I think that's a very unrealistic and uncommon presumption. 99% of the websites that I access, I have not agreed to any terms of service and I don't even know if they offer any special terms.
By default, websites don't have any documented terms of service. The terms are just: send a request and I'll probably send you back a reply. (It's not like, by default, an Apache install comes with a generic ToC boilerplate legalese thing.)
And most websites use this default (essentially: no terms). You're normally only limited by whatever the law happens to be, combined with various technical limitations. Usually there's no deviation, explained in some contract, which overlays the default situation.
Of course, there are exceptions. A website having terms isn't so uncommon that we're all shocked by the thought of it. But whenever that happens, there is always a mechanism whereby the website refuses service, until you have agreed to the terms.
And if the website doesn't refuse service without agreement to the "terms," then the "terms" weren't really terms.
Imagine I said this: "I'll sell you my old car for $10k. Those are the terms: pay me $10k and I'll sign over the title on my car to you."
You refuse my terms (because the car totally isn't worth it). Then you say, "Hey, can I have your car for free?" and I reply, "Sure, it doesn't run anyway. Just get that thing out of here. No? Ok, I'll pay you $50 to tow it out of here!"
Did you subvert or evade my terms? No, I say you discovered my true terms. Or maybe you persuaded me of your new terms, you damn Jedi.
It's always worth asking again, and everything is negotiable.
Now if LinkedIn had instead posted "ecto gammat", all the nerds would be in their corner.
#DeleteChrome
LinkedIn's whole business model is "scraping" information from people. It's not like they pay people to enter that information.
When CDDB tried this sort of B.S. it led to FreeDB. Maybe LinkedIn being assholes will lead to something similar.
if companies just chained enployees to their desk, there'd be no need to worry about them quitting
Can we talk about what HiQ is doing with the data for a sec? "HiQ scrapes data about thousands of employees from public LinkedIn profiles, then packages the data for sale to employers worried about their employees quitting" I mean WTF?
Curious how GDPR will or could play here. If the Europeans have it right, a profile isn't LinkedIns. It's the collective people who put their info there.
I'd suggest, a flag that the user can set, which says 'make x' of my profile indexable.
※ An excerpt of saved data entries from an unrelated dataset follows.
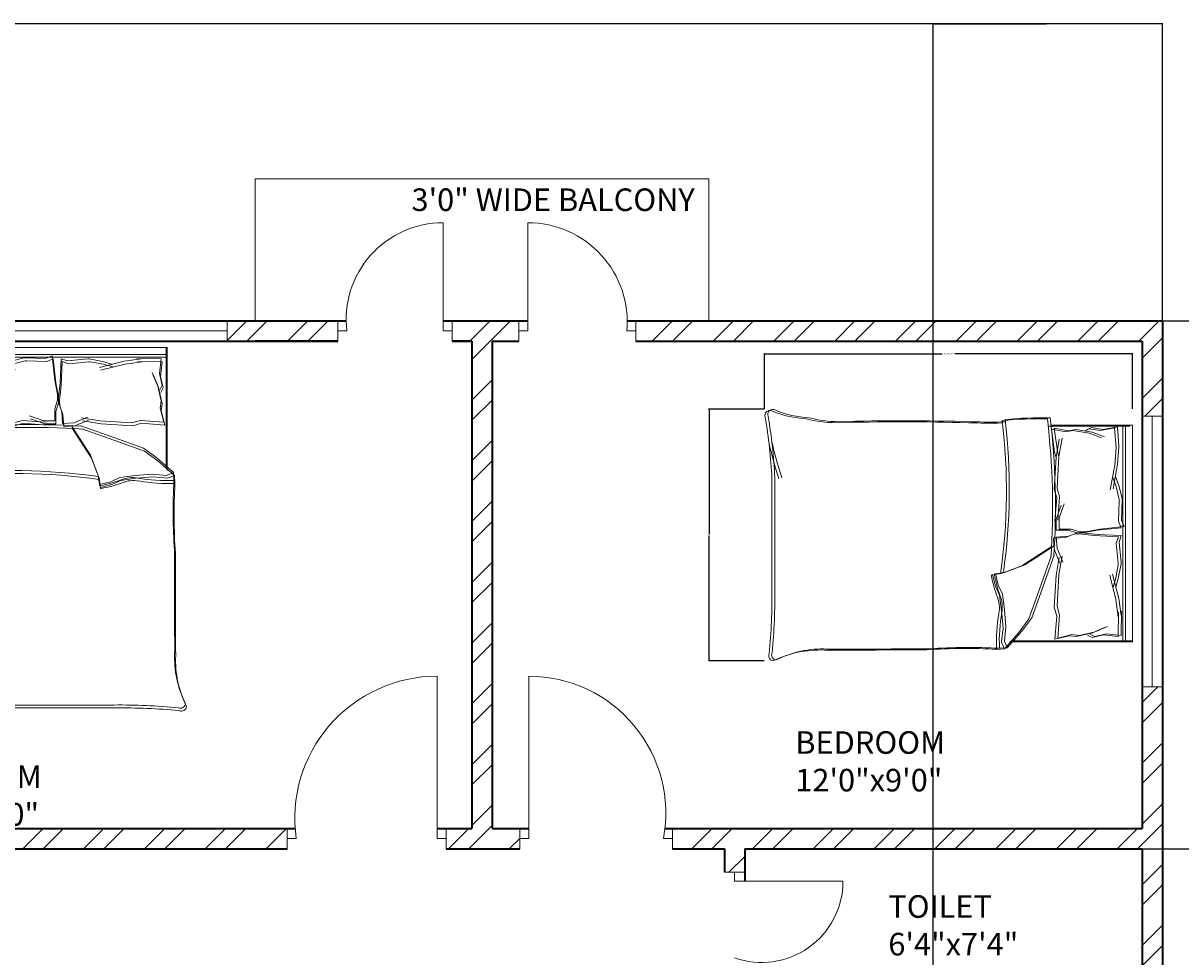
# Model space of a CAD drawing. Units: inches. Extents: x 2165 to 3042, y 1626 to 2968.
# Tile 9 of 11: x 2633 to 2889, y 2191 to 2398. Entities that reach past the tile are written whole.
import ezdxf

# ---------------------------------------------------------------- set-up
doc = ezdxf.new("R2010")
doc.units = ezdxf.units.IN
for name, color, linetype, lineweight in [('A-ANNO-DIMS', 2, 'Continuous', 18), ('A-AREA-IDEN', 7, 'Continuous', 18), ('A-DOOR', 3, 'Continuous', 18), ('A-FLOR-BALC', 7, 'Continuous', 18), ('A-FURN', 8, 'Continuous', 13), ('A-GLAZ', 4, 'Continuous', 18), ('A-WALL', 7, 'Continuous', 35), ('A-WALL-PATT', 252, 'Continuous', 13)]:
    doc.layers.add(name, color=color, linetype=linetype, lineweight=lineweight)
doc.styles.get("Standard").update_dxf_attribs({"font": 'arial.ttf'})
doc.dimstyles.get("Standard").update_dxf_attribs({"dimtxt": 0.18, "dimasz": 0.18, "dimexe": 0.18, "dimexo": 0.0625, "dimgap": 0.09, "dimtad": 0, "dimtih": 1, "dimtoh": 1, "dimdec": 4, "dimzin": 0, "dimdsep": 46, "dimtxsty": 'Standard', "dimcen": 0.09, "dimadec": 0, "dimazin": 0, "dimtfac": 1, "dimtdec": 4, "dimtofl": 0, "dimtmove": 0, "dimatfit": 3, "dimfxl": 1, "dimtolj": 1, "dimtzin": 0, "dimarcsym": 0})

# ---------------------------------------------------------------- blocks, each defined once
blk = doc.blocks.new('BED-DOUBLE')
for p, q in [((0, 51.27), (0, 51.49)), ((0, 51.49), (0.64, 51.49)), ((0.64, 51.49), (27.25, 51.49)), ((0.64, 51.49), (27.25, 51.49)), ((2.17, 3.7), (2.17, 51.49)), ((2.17, 3.7), (2.17, 51.49)), ((27.75, 52.87), (24.5, 49.16)), ((27.75, 52.87), (24.5, 49.16)), ((28.39, 53.1), (25.14, 49.39)), ((28.39, 53.1), (25.14, 49.39)), ((29.49, 52.95), (27.75, 52.87, 3.87)), ((29.49, 52.95), (27.75, 52.87, 3.87)), ((28.37, 51.33), (27.75, 52.87)), ((28.37, 51.33), (27.75, 52.87)), ((28.06, 48.23), (28.37, 51.33)), ((28.06, 48.23), (28.37, 51.33)), ((30.13, 53.18), (28.39, 53.1, 3.87)), ((30.13, 53.18), (28.39, 53.1, 3.87)), ((29, 51.56), (28.39, 53.1)), ((29, 51.56), (28.39, 53.1)), ((28.7, 48.46), (29, 51.56)), ((28.7, 48.46), (29, 51.56)), ((0, 51.27), (26.61, 51.27)), ((0, 51.27), (26.61, 51.27)), ((0, 51.27), (0, 3.48)), ((1.53, 3.48), (1.53, 51.27)), ((1.53, 3.47), (1.53, 51.27)), ((2.56, 50.11), (2.46, 44.71)), ((2.56, 50.11), (2.46, 44.71)), ((2.56, 50.11), (5.77, 49.73)), ((2.56, 50.11), (5.77, 49.73)), ((3.2, 50.34), (3.1, 44.94)), ((3.2, 50.34), (3.1, 44.94)), ((3.2, 50.34), (6.41, 49.96)), ((3.2, 50.34), (6.41, 49.96)), ((8.26, 49.31), (5.58, 48.13)), ((8.26, 49.31), (5.58, 48.13)), ((5.77, 49.73), (8.34, 50.33)), ((5.77, 49.73), (8.34, 50.33)), ((8.9, 49.54), (6.22, 48.36)), ((8.9, 49.54), (6.22, 48.36)), ((6.41, 49.96), (8.98, 50.56)), ((6.41, 49.96), (8.98, 50.56)), ((11.83, 50.11), (8.26, 49.31)), ((11.83, 50.11), (8.26, 49.31)), ((8.34, 50.33), (9.38, 49.81)), ((8.34, 50.33), (9.38, 49.81)), ((12.47, 50.34), (8.9, 49.54)), ((12.47, 50.34), (8.9, 49.54)), ((8.98, 50.56), (10.02, 50.04)), ((8.98, 50.56), (10.02, 50.04)), ((13.43, 49.92), (11.83, 50.11)), ((13.43, 49.92), (11.83, 50.11)), ((14.07, 50.15), (12.47, 50.34)), ((14.07, 50.15), (12.47, 50.34)), ((16.57, 50.7), (13.43, 49.92)), ((16.57, 50.7), (13.43, 49.92)), ((17.21, 50.93), (14.07, 50.15)), ((17.21, 50.93), (14.07, 50.15)), ((16.17, 45.57), (16.57, 50.7)), ((16.17, 45.57), (16.57, 50.7)), ((16.81, 45.79), (17.21, 50.93)), ((16.81, 45.79), (17.21, 50.93)), ((24.5, 49.16), (22.33, 46.22)), ((24.5, 49.16), (22.33, 46.22)), ((25.14, 49.39), (22.97, 46.45)), ((25.14, 49.39), (22.97, 46.45)), ((22.33, 46.22), (20.32, 40.64)), ((22.33, 46.22), (20.32, 40.64)), ((22.97, 46.45), (20.96, 40.87)), ((22.97, 46.45), (20.96, 40.87)), ((28.37, 44.36), (28.06, 48.23)), ((28.37, 44.36), (28.06, 48.23)), ((29, 44.59), (28.7, 48.46)), ((29, 44.59), (28.7, 48.46)), ((2.46, 44.71), (2.54, 45.71)), ((2.46, 44.71), (2.54, 45.71)), ((2.54, 45.71), (3.07, 41.91)), ((2.54, 45.71), (3.07, 41.91)), ((3.1, 44.94), (3.18, 45.94)), ((3.1, 44.94), (3.18, 45.94)), ((3.18, 45.94), (3.71, 42.14)), ((3.18, 45.94), (3.71, 42.14)), ((16.73, 43.61), (16.17, 45.57)), ((16.73, 43.61), (16.17, 45.57)), ((16.3, 36.6), (16.73, 43.61)), ((16.3, 36.6), (16.73, 43.61)), ((17.37, 43.83), (16.81, 45.79)), ((17.37, 43.83), (16.81, 45.79)), ((16.93, 36.82), (17.37, 43.83)), ((16.93, 36.82), (17.37, 43.83)), ((28.83, 40.95), (28.37, 44.36)), ((28.83, 40.95), (28.37, 44.36)), ((29.47, 41.18), (29, 44.59)), ((29.47, 41.18), (29, 44.59)), ((3.07, 41.91), (4.42, 36.5)), ((3.07, 41.91), (4.42, 36.49)), ((3.71, 42.14), (5.06, 36.72)), ((3.71, 42.14), (5.06, 36.72)), ((30.4, 39.17), (29.47, 41.18)), ((30.4, 39.17), (29.47, 41.18)), ((3.67, 39.2), (3.08, 37.14)), ((3.67, 39.2), (3.08, 37.13)), ((4.31, 39.43), (3.72, 37.36)), ((4.31, 39.43), (3.72, 37.36)), ((20.32, 40.64), (17.38, 32.31)), ((20.32, 40.64), (17.38, 32.31)), ((20.96, 40.87), (18.02, 32.53)), ((20.96, 40.87), (18.02, 32.53)), ((29.76, 38.94), (28.83, 40.95)), ((29.76, 38.94), (28.83, 40.95)), ((30.38, 36.46), (29.76, 38.94)), ((30.38, 36.46), (29.76, 38.94)), ((31.02, 36.69), (30.4, 39.17)), ((31.02, 36.69), (30.4, 39.17)), ((79.25, 15.06), (79.25, 39.68)), ((79.25, 15.06), (79.25, 39.68)), ((79.88, 15.29), (79.88, 39.91)), ((79.88, 15.29), (79.88, 39.91)), ((3.08, 37.14), (2.54, 34.2)), ((3.08, 37.13), (2.54, 34.2)), ((3.72, 37.36), (3.18, 34.43)), ((3.72, 37.36), (3.18, 34.43)), ((15.63, 32.56), (16.3, 36.6)), ((15.63, 32.56), (16.3, 36.6)), ((16.27, 32.79), (16.93, 36.82)), ((16.27, 32.79), (16.93, 36.82)), ((23.88, 34.45), (28.37, 36.15)), ((23.88, 34.45), (28.37, 36.15)), ((24.52, 34.68), (29, 36.38)), ((24.52, 34.68), (29, 36.38)), ((28.37, 36.15), (30.38, 36.46)), ((28.37, 36.15), (30.38, 36.46)), ((29, 36.38), (31.02, 36.69)), ((29, 36.38), (31.02, 36.69)), ((2.54, 34.2), (2.56, 33.88)), ((2.54, 34.2), (2.56, 33.88)), ((2.56, 33.88), (2.98, 29.46)), ((2.56, 33.88), (2.98, 29.46)), ((3.18, 34.43), (3.2, 34.11)), ((3.18, 34.43), (3.2, 34.11)), ((3.2, 34.11), (3.62, 29.68)), ((3.2, 34.11), (3.62, 29.68)), ((16.74, 30.75), (15.46, 33.82)), ((16.74, 30.75), (15.46, 33.82)), ((17.38, 30.98), (16.09, 34.05)), ((17.38, 30.98), (16.09, 34.05)), ((17.38, 30.26), (23.88, 34.45)), ((17.38, 30.26), (23.88, 34.45)), ((18.02, 30.49), (24.52, 34.68)), ((18.02, 30.49), (24.52, 34.68)), ((17.53, 28.53), (17.38, 30.98)), ((17.53, 28.53), (17.38, 30.98)), ((2.98, 29.46), (2.49, 27.98)), ((2.98, 29.46), (2.49, 27.98)), ((3.62, 29.68), (3.13, 28.21)), ((3.62, 29.68), (3.13, 28.21)), ((13.02, 27.66), (14.86, 28.36)), ((13.02, 27.66), (14.86, 28.36)), ((14.22, 28.13), (16.89, 28.3)), ((14.22, 28.13), (16.89, 28.3)), ((14.86, 28.36), (17.53, 28.53)), ((14.86, 28.36), (17.53, 28.53)), ((16.89, 28.3), (16.74, 30.75)), ((16.89, 28.3), (16.74, 30.75)), ((1.87, 25.98), (7.22, 26.56)), ((1.87, 25.98), (7.22, 26.56)), ((2.45, 24.54), (1.87, 25.98)), ((2.45, 24.54), (1.87, 25.98)), ((2.49, 27.98), (7.87, 27.73)), ((2.49, 27.98), (7.87, 27.73)), ((2.51, 26.21), (7.86, 26.79)), ((2.51, 26.21), (7.86, 26.79)), ((3.09, 24.77), (2.51, 26.21)), ((3.09, 24.77), (2.51, 26.21)), ((3.13, 28.21), (8.51, 27.96)), ((3.13, 28.21), (8.51, 27.96)), ((7.22, 26.56), (10.4, 27.14)), ((7.22, 26.56), (10.4, 27.14)), ((7.86, 26.79), (11.04, 27.37)), ((7.86, 26.79), (11.04, 27.37)), ((7.87, 27.73), (11.08, 27.35)), ((7.87, 27.73), (11.08, 27.35)), ((8.51, 27.96), (11.72, 27.58)), ((8.51, 27.96), (11.72, 27.58)), ((10.4, 27.14), (11.7, 27.14)), ((10.4, 27.14), (11.7, 27.14)), ((11.04, 27.37), (12.34, 27.37)), ((11.04, 27.37), (12.34, 27.37)), ((11.08, 27.35), (12.38, 27.44)), ((11.08, 27.35), (12.38, 27.44)), ((11.7, 27.14), (13.58, 26.56)), ((11.7, 27.14), (13.58, 26.56)), ((11.72, 27.58), (13.02, 27.66)), ((11.72, 27.58), (13.02, 27.66)), ((12.34, 27.37), (14.22, 26.79)), ((12.34, 27.37), (14.22, 26.79)), ((12.38, 27.44), (14.22, 28.13)), ((12.38, 27.44), (14.22, 28.13)), ((13.58, 26.56), (16.26, 26.56)), ((13.58, 26.56), (16.26, 26.56)), ((14.22, 26.79), (16.9, 26.79)), ((14.22, 26.79), (16.9, 26.79)), ((16.26, 26.56), (16.26, 24.1)), ((16.26, 26.56), (16.26, 24.1)), ((16.9, 26.79), (16.9, 24.33)), ((16.9, 26.79), (16.9, 24.33)), ((2.3, 20.09), (2.45, 24.54)), ((2.3, 20.09), (2.45, 24.54)), ((2.94, 20.32), (3.09, 24.77)), ((2.94, 20.32), (3.09, 24.77)), ((16.26, 24.1), (15.17, 20.96)), ((16.26, 24.1), (15.17, 20.96)), ((16.9, 24.33), (15.81, 21.19)), ((16.9, 24.33), (15.81, 21.19)), ((16.17, 19.38), (16.57, 24.52)), ((16.17, 19.38), (16.57, 24.52)), ((16.81, 19.61), (17.21, 24.74)), ((16.81, 19.61), (17.21, 24.74)), ((2.3, 19.77), (2.3, 20.09)), ((2.3, 19.77), (2.3, 20.09)), ((3.03, 16.88), (2.3, 19.77)), ((3.03, 16.88), (2.3, 19.77)), ((2.94, 20), (2.94, 20.32)), ((2.94, 20), (2.94, 20.32)), ((3.67, 17.11), (2.94, 20)), ((3.67, 17.11), (2.94, 20)), ((16.73, 17.42), (16.17, 19.38)), ((16.73, 17.42), (16.17, 19.38)), ((17.37, 17.65), (16.81, 19.61)), ((17.37, 17.65), (16.81, 19.61)), ((3.75, 14.85), (3.03, 16.88)), ((3.75, 14.85), (3.03, 16.88)), ((3.32, 12.11), (4.33, 17.6)), ((3.32, 12.11), (4.33, 17.6)), ((4.39, 15.08), (3.67, 17.11)), ((4.39, 15.08), (3.67, 17.11)), ((3.96, 12.34), (4.97, 17.83)), ((3.96, 12.34), (4.97, 17.83)), ((16.3, 10.41), (16.73, 17.42)), ((16.3, 10.41), (16.73, 17.42)), ((16.93, 10.64), (17.37, 17.65)), ((16.93, 10.64), (17.37, 17.65)), ((3.03, 8.28), (3.32, 12.11)), ((3.03, 8.28), (3.32, 12.11)), ((3.67, 8.51), (3.96, 12.34)), ((3.67, 8.51), (3.96, 12.34)), ((15.63, 6.38), (16.3, 10.41)), ((15.63, 6.38), (16.3, 10.41)), ((16.27, 6.61), (16.93, 10.64)), ((16.27, 6.61), (16.93, 10.64)), ((16.3, 10.41), (16.62, 9.28)), ((16.3, 10.41), (16.62, 9.28)), ((16.93, 10.64), (17.26, 9.51)), ((16.93, 10.64), (17.26, 9.51)), ((3.01, 8.18), (3.03, 8.28)), ((3.01, 8.18), (3.03, 8.28)), ((3.34, 3.9), (3.01, 8.18)), ((3.34, 3.9), (3.01, 8.18)), ((3.65, 8.41), (3.67, 8.51)), ((3.65, 8.41), (3.67, 8.51)), ((3.98, 4.13), (3.65, 8.41)), ((3.98, 4.13), (3.65, 8.41)), ((16.62, 9.28), (17.34, 4.18)), ((16.62, 9.28), (17.34, 4.18)), ((17.26, 9.51), (17.98, 4.41)), ((17.26, 9.51), (17.98, 4.41)), ((8.96, 5.05), (6.21, 6.06)), ((8.96, 5.05), (6.21, 6.06)), ((9.59, 5.28), (6.85, 6.29)), ((9.59, 5.28), (6.85, 6.29)), ((13.21, 4.7), (9.59, 5.28)), ((13.21, 4.7), (9.59, 5.28)), ((18.11, 3.48), (0, 3.48)), ((18.11, 3.47), (0, 3.47)), ((18.75, 3.7), (0.64, 3.7)), ((18.75, 3.7), (0.64, 3.7)), ((3.32, 3.89), (6.5, 4.47)), ((3.32, 3.89), (6.5, 4.47)), ((3.96, 4.12), (7.14, 4.7)), ((3.96, 4.12), (7.14, 4.7)), ((6.5, 4.47), (9.1, 4.04)), ((6.5, 4.47), (9.1, 4.04)), ((7.14, 4.7), (9.74, 4.27)), ((7.14, 4.7), (9.74, 4.27)), ((12.57, 4.47), (8.96, 5.05)), ((12.57, 4.47), (8.96, 5.05)), ((9.1, 4.04), (10.11, 4.62)), ((9.1, 4.04), (10.11, 4.62)), ((9.74, 4.27), (10.75, 4.85)), ((9.74, 4.27), (10.75, 4.85)), ((14.16, 4.76), (12.57, 4.47)), ((14.16, 4.76), (12.57, 4.47)), ((14.8, 4.99), (13.21, 4.7)), ((14.8, 4.99), (13.21, 4.7)), ((17.34, 4.18), (14.16, 4.76)), ((17.34, 4.18), (14.16, 4.76)), ((17.98, 4.41), (14.8, 4.99)), ((17.98, 4.41), (14.8, 4.99))]:
    blk.add_line(p, q)
for centre, radius, start, end in [((68.67, 76.16), 23.07, 267.4714, 296.4681), ((68.67, 76.16), 23.07, 267.4714, 296.4681), ((69.31, 76.39), 23.07, 267.4714, 296.4681), ((69.31, 76.39), 23.07, 267.4714, 296.4681), ((78.87, 54.41), 1.1, 332.6588, 86.02), ((78.87, 54.41), 1.1, 332.6588, 86.02), ((212.28, 41.15), 133.04, 174.4998, 180.6351), ((212.28, 41.15), 133.04, 174.4998, 180.6351), ((79.51, 54.64), 1.1, 332.6588, 86.02), ((79.51, 54.64), 1.1, 332.6588, 86.02), ((212.92, 41.38), 133.04, 174.4998, 180.6351), ((212.92, 41.38), 133.04, 174.4998, 180.6351), ((-6.66, 51.33), 36.18, 349.8763, 2.5657), ((-6.66, 51.33), 36.18, 349.8763, 2.5657), ((36.32, 182.27), 129.5, 266.9791, 273.8365), ((36.32, 182.27), 129.5, 266.9791, 273.8365), ((-6.02, 51.56), 36.18, 349.8763, 2.5657), ((-6.02, 51.56), 36.18, 349.8763, 2.5657), ((36.95, 182.49), 129.5, 266.9791, 273.8365), ((36.95, 182.49), 129.5, 266.9791, 273.8365), ((67.82, -4508.74), 4561.86, 90.00217, 90.28689), ((67.82, -4508.74), 4561.86, 90.00217, 90.28689), ((68.46, -4508.52), 4561.86, 90.00217, 90.28689), ((68.46, -4508.52), 4561.86, 90.00217, 90.28689), ((35.07, 43.74), 6.22, 168.6608, 203.7384), ((35.07, 43.74), 6.22, 168.6608, 203.7384), ((35.71, 43.97), 6.22, 168.6608, 203.7384), ((35.71, 43.97), 6.22, 168.6608, 203.7384), ((1.48, 31.15), 29.65, 10.6617, 19.8806), ((1.48, 31.15), 29.65, 10.6617, 19.8806), ((2.12, 31.38), 29.65, 10.6617, 19.8806), ((2.12, 31.38), 29.65, 10.6617, 19.8806), ((156.32, 17.76), 129.02, 171.7845, 186.9006), ((156.32, 17.76), 129.02, 171.7845, 186.9006), ((156.96, 17.98), 129.02, 171.7845, 186.9006), ((156.96, 17.98), 129.02, 171.7845, 186.9006), ((30.44, 36.64), 0.185, 250.2464, 1.1377), ((30.44, 36.64), 0.185, 250.2464, 1.1377), ((31.08, 36.86), 0.185, 250.2464, 1.1377), ((31.08, 36.86), 0.185, 250.2464, 1.1377), ((182.05, 21.36), 164.97, 176.0865, 186.7821), ((182.05, 21.36), 164.97, 176.0865, 186.7821), ((182.69, 21.59), 164.97, 176.0865, 186.7821), ((182.69, 21.59), 164.97, 176.0865, 186.7821), ((-23.71, -17.22), 106.46, 13.3832, 17.7053), ((-23.71, -17.22), 106.46, 13.3832, 17.7053), ((-23.07, -16.99), 106.46, 13.3832, 17.7053), ((-23.07, -16.99), 106.46, 13.3832, 17.7053), ((200.84, 21.43), 121.76, 182.9958, 189.4091), ((200.84, 21.43), 121.76, 182.9958, 189.4091), ((201.48, 21.66), 121.76, 182.9958, 189.4091), ((201.48, 21.65), 121.76, 182.9958, 189.4091), ((31.17, -167.31), 170.11, 88.4762, 91.0082), ((31.17, -167.31), 170.11, 88.4762, 91.0082), ((31.81, -167.08), 170.11, 88.4762, 91.0082), ((31.81, -167.08), 170.11, 88.4762, 91.0082), ((50.61, 484.82), 482.31, 268.2277, 271.7185), ((50.61, 484.82), 482.31, 268.2277, 271.7185), ((51.25, 485.05), 482.31, 268.2277, 271.7185), ((51.25, 485.05), 482.31, 268.2277, 271.7185), ((64.52, -26.9), 29.63, 76.0648, 88.9113), ((64.52, -26.9), 29.63, 76.0648, 88.9113), ((65.15, -26.67), 29.63, 76.0648, 88.9113), ((65.15, -26.67), 29.63, 76.0648, 88.9113), ((20.1, 85.16), 83.31, 268.7218, 275.604), ((20.1, 85.16), 83.31, 268.7218, 275.604), ((20.74, 85.39), 83.31, 268.7218, 275.604), ((20.74, 85.39), 83.31, 268.7218, 275.604), ((70.28, -21.66), 23.56, 67.9751, 86.652), ((70.28, -21.66), 23.56, 67.9751, 86.652), ((70.92, -21.43), 23.56, 67.9751, 86.652), ((70.92, -21.43), 23.56, 67.9751, 86.652), ((79.72, 1.09), 1.09, 236.1736, 23.4781), ((79.72, 1.09), 1.09, 236.1736, 23.4781), ((80.36, 1.32), 1.09, 236.1736, 23.4781), ((80.36, 1.32), 1.09, 236.1736, 23.4781)]:
    blk.add_arc(centre, radius, start, end)
blk = doc.blocks.new('BALCONY-RAIL-PLAN')
for p, q in [((0, 31.5), (0, 0)), ((100.5, 31.5), (100.5, 0)), ((100.5, 0), (0, 0))]:
    blk.add_line(p, q)
blk = doc.blocks.new('WIN-60-A')
for p, q in [((4.5, 60), (0, 60)), ((0, 60), (2.25, 60)), ((2.25, 60), (2.25, 0)), ((2.25, 0), (0, 0)), ((0, 0), (4.5, 0))]:
    blk.add_line(p, q)
blk = doc.blocks.new('WIN-60-B')
for p, q in [((0, 4.5), (0, 0)), ((60, 2.25), (60, 4.5)), ((60, 4.5), (60, 0)), ((0, 0), (0, 2.25)), ((0, 2.25), (60, 2.25))]:
    blk.add_line(p, q)
blk = doc.blocks.new('*D18')
at = {"layer": 'A-ANNO-DIMS', "color": 0, "lineweight": -2, "transparency": 16777216}
for p, q in [((2796.96, 2312.6), (2796.96, 2324.95)), ((2797.14, 2324.77), (2836.36, 2324.77)), ((2878.32, 2324.77), (2839.1, 2324.77)), ((2878.5, 2312.6), (2878.5, 2324.95))]:
    blk.add_line(p, q, dxfattribs=at)
at = {"layer": 'A-ANNO-DIMS', "color": 0, "transparency": 16777216}
for points in [[(2797.14, 2324.8), (2797.14, 2324.74), (2796.96, 2324.77)], [(2878.32, 2324.8), (2878.32, 2324.74), (2878.5, 2324.77)]]:
    blk.add_solid(points, dxfattribs=at)
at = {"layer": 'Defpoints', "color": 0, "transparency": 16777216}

The Computer Fraud and Abuse Act is part of the Federal Criminal Code, and no private entity can use it to bring a suit. A prosecuting attorney for the government could make a criminal charge, but LinkedIn would have to persuade him/them to take that act. This is much ado about nothing.
The CFAA applies immediately or when the defendant (or defendant to be) exceeds the permitted access. This could be also through a cease and desist letter. See Facebook, Inc. v. Power Ventures, Inc., No. 13-17102 (9th Cir. July 12, 2016) https://cdn.ca9.uscourts.gov/d...
You are permitted to grant different people different terms or access. Look at https://qz.com/981029/a-federa...
Fight Spammers!
If you don't want your content to be scraped, don't make it publicly available. If I can view it without a logon you have no claim to protect the data.
LinkedIn published content under copyright. Another entity took that copyrighted material and re-published it without consent of the copyright holder. It seems like a pretty straight-forward case.
What am I missing here?
The only questions should be the size of the award LinkedIn should receive and whether anyone associated with the other entity should be criminally prosecuted.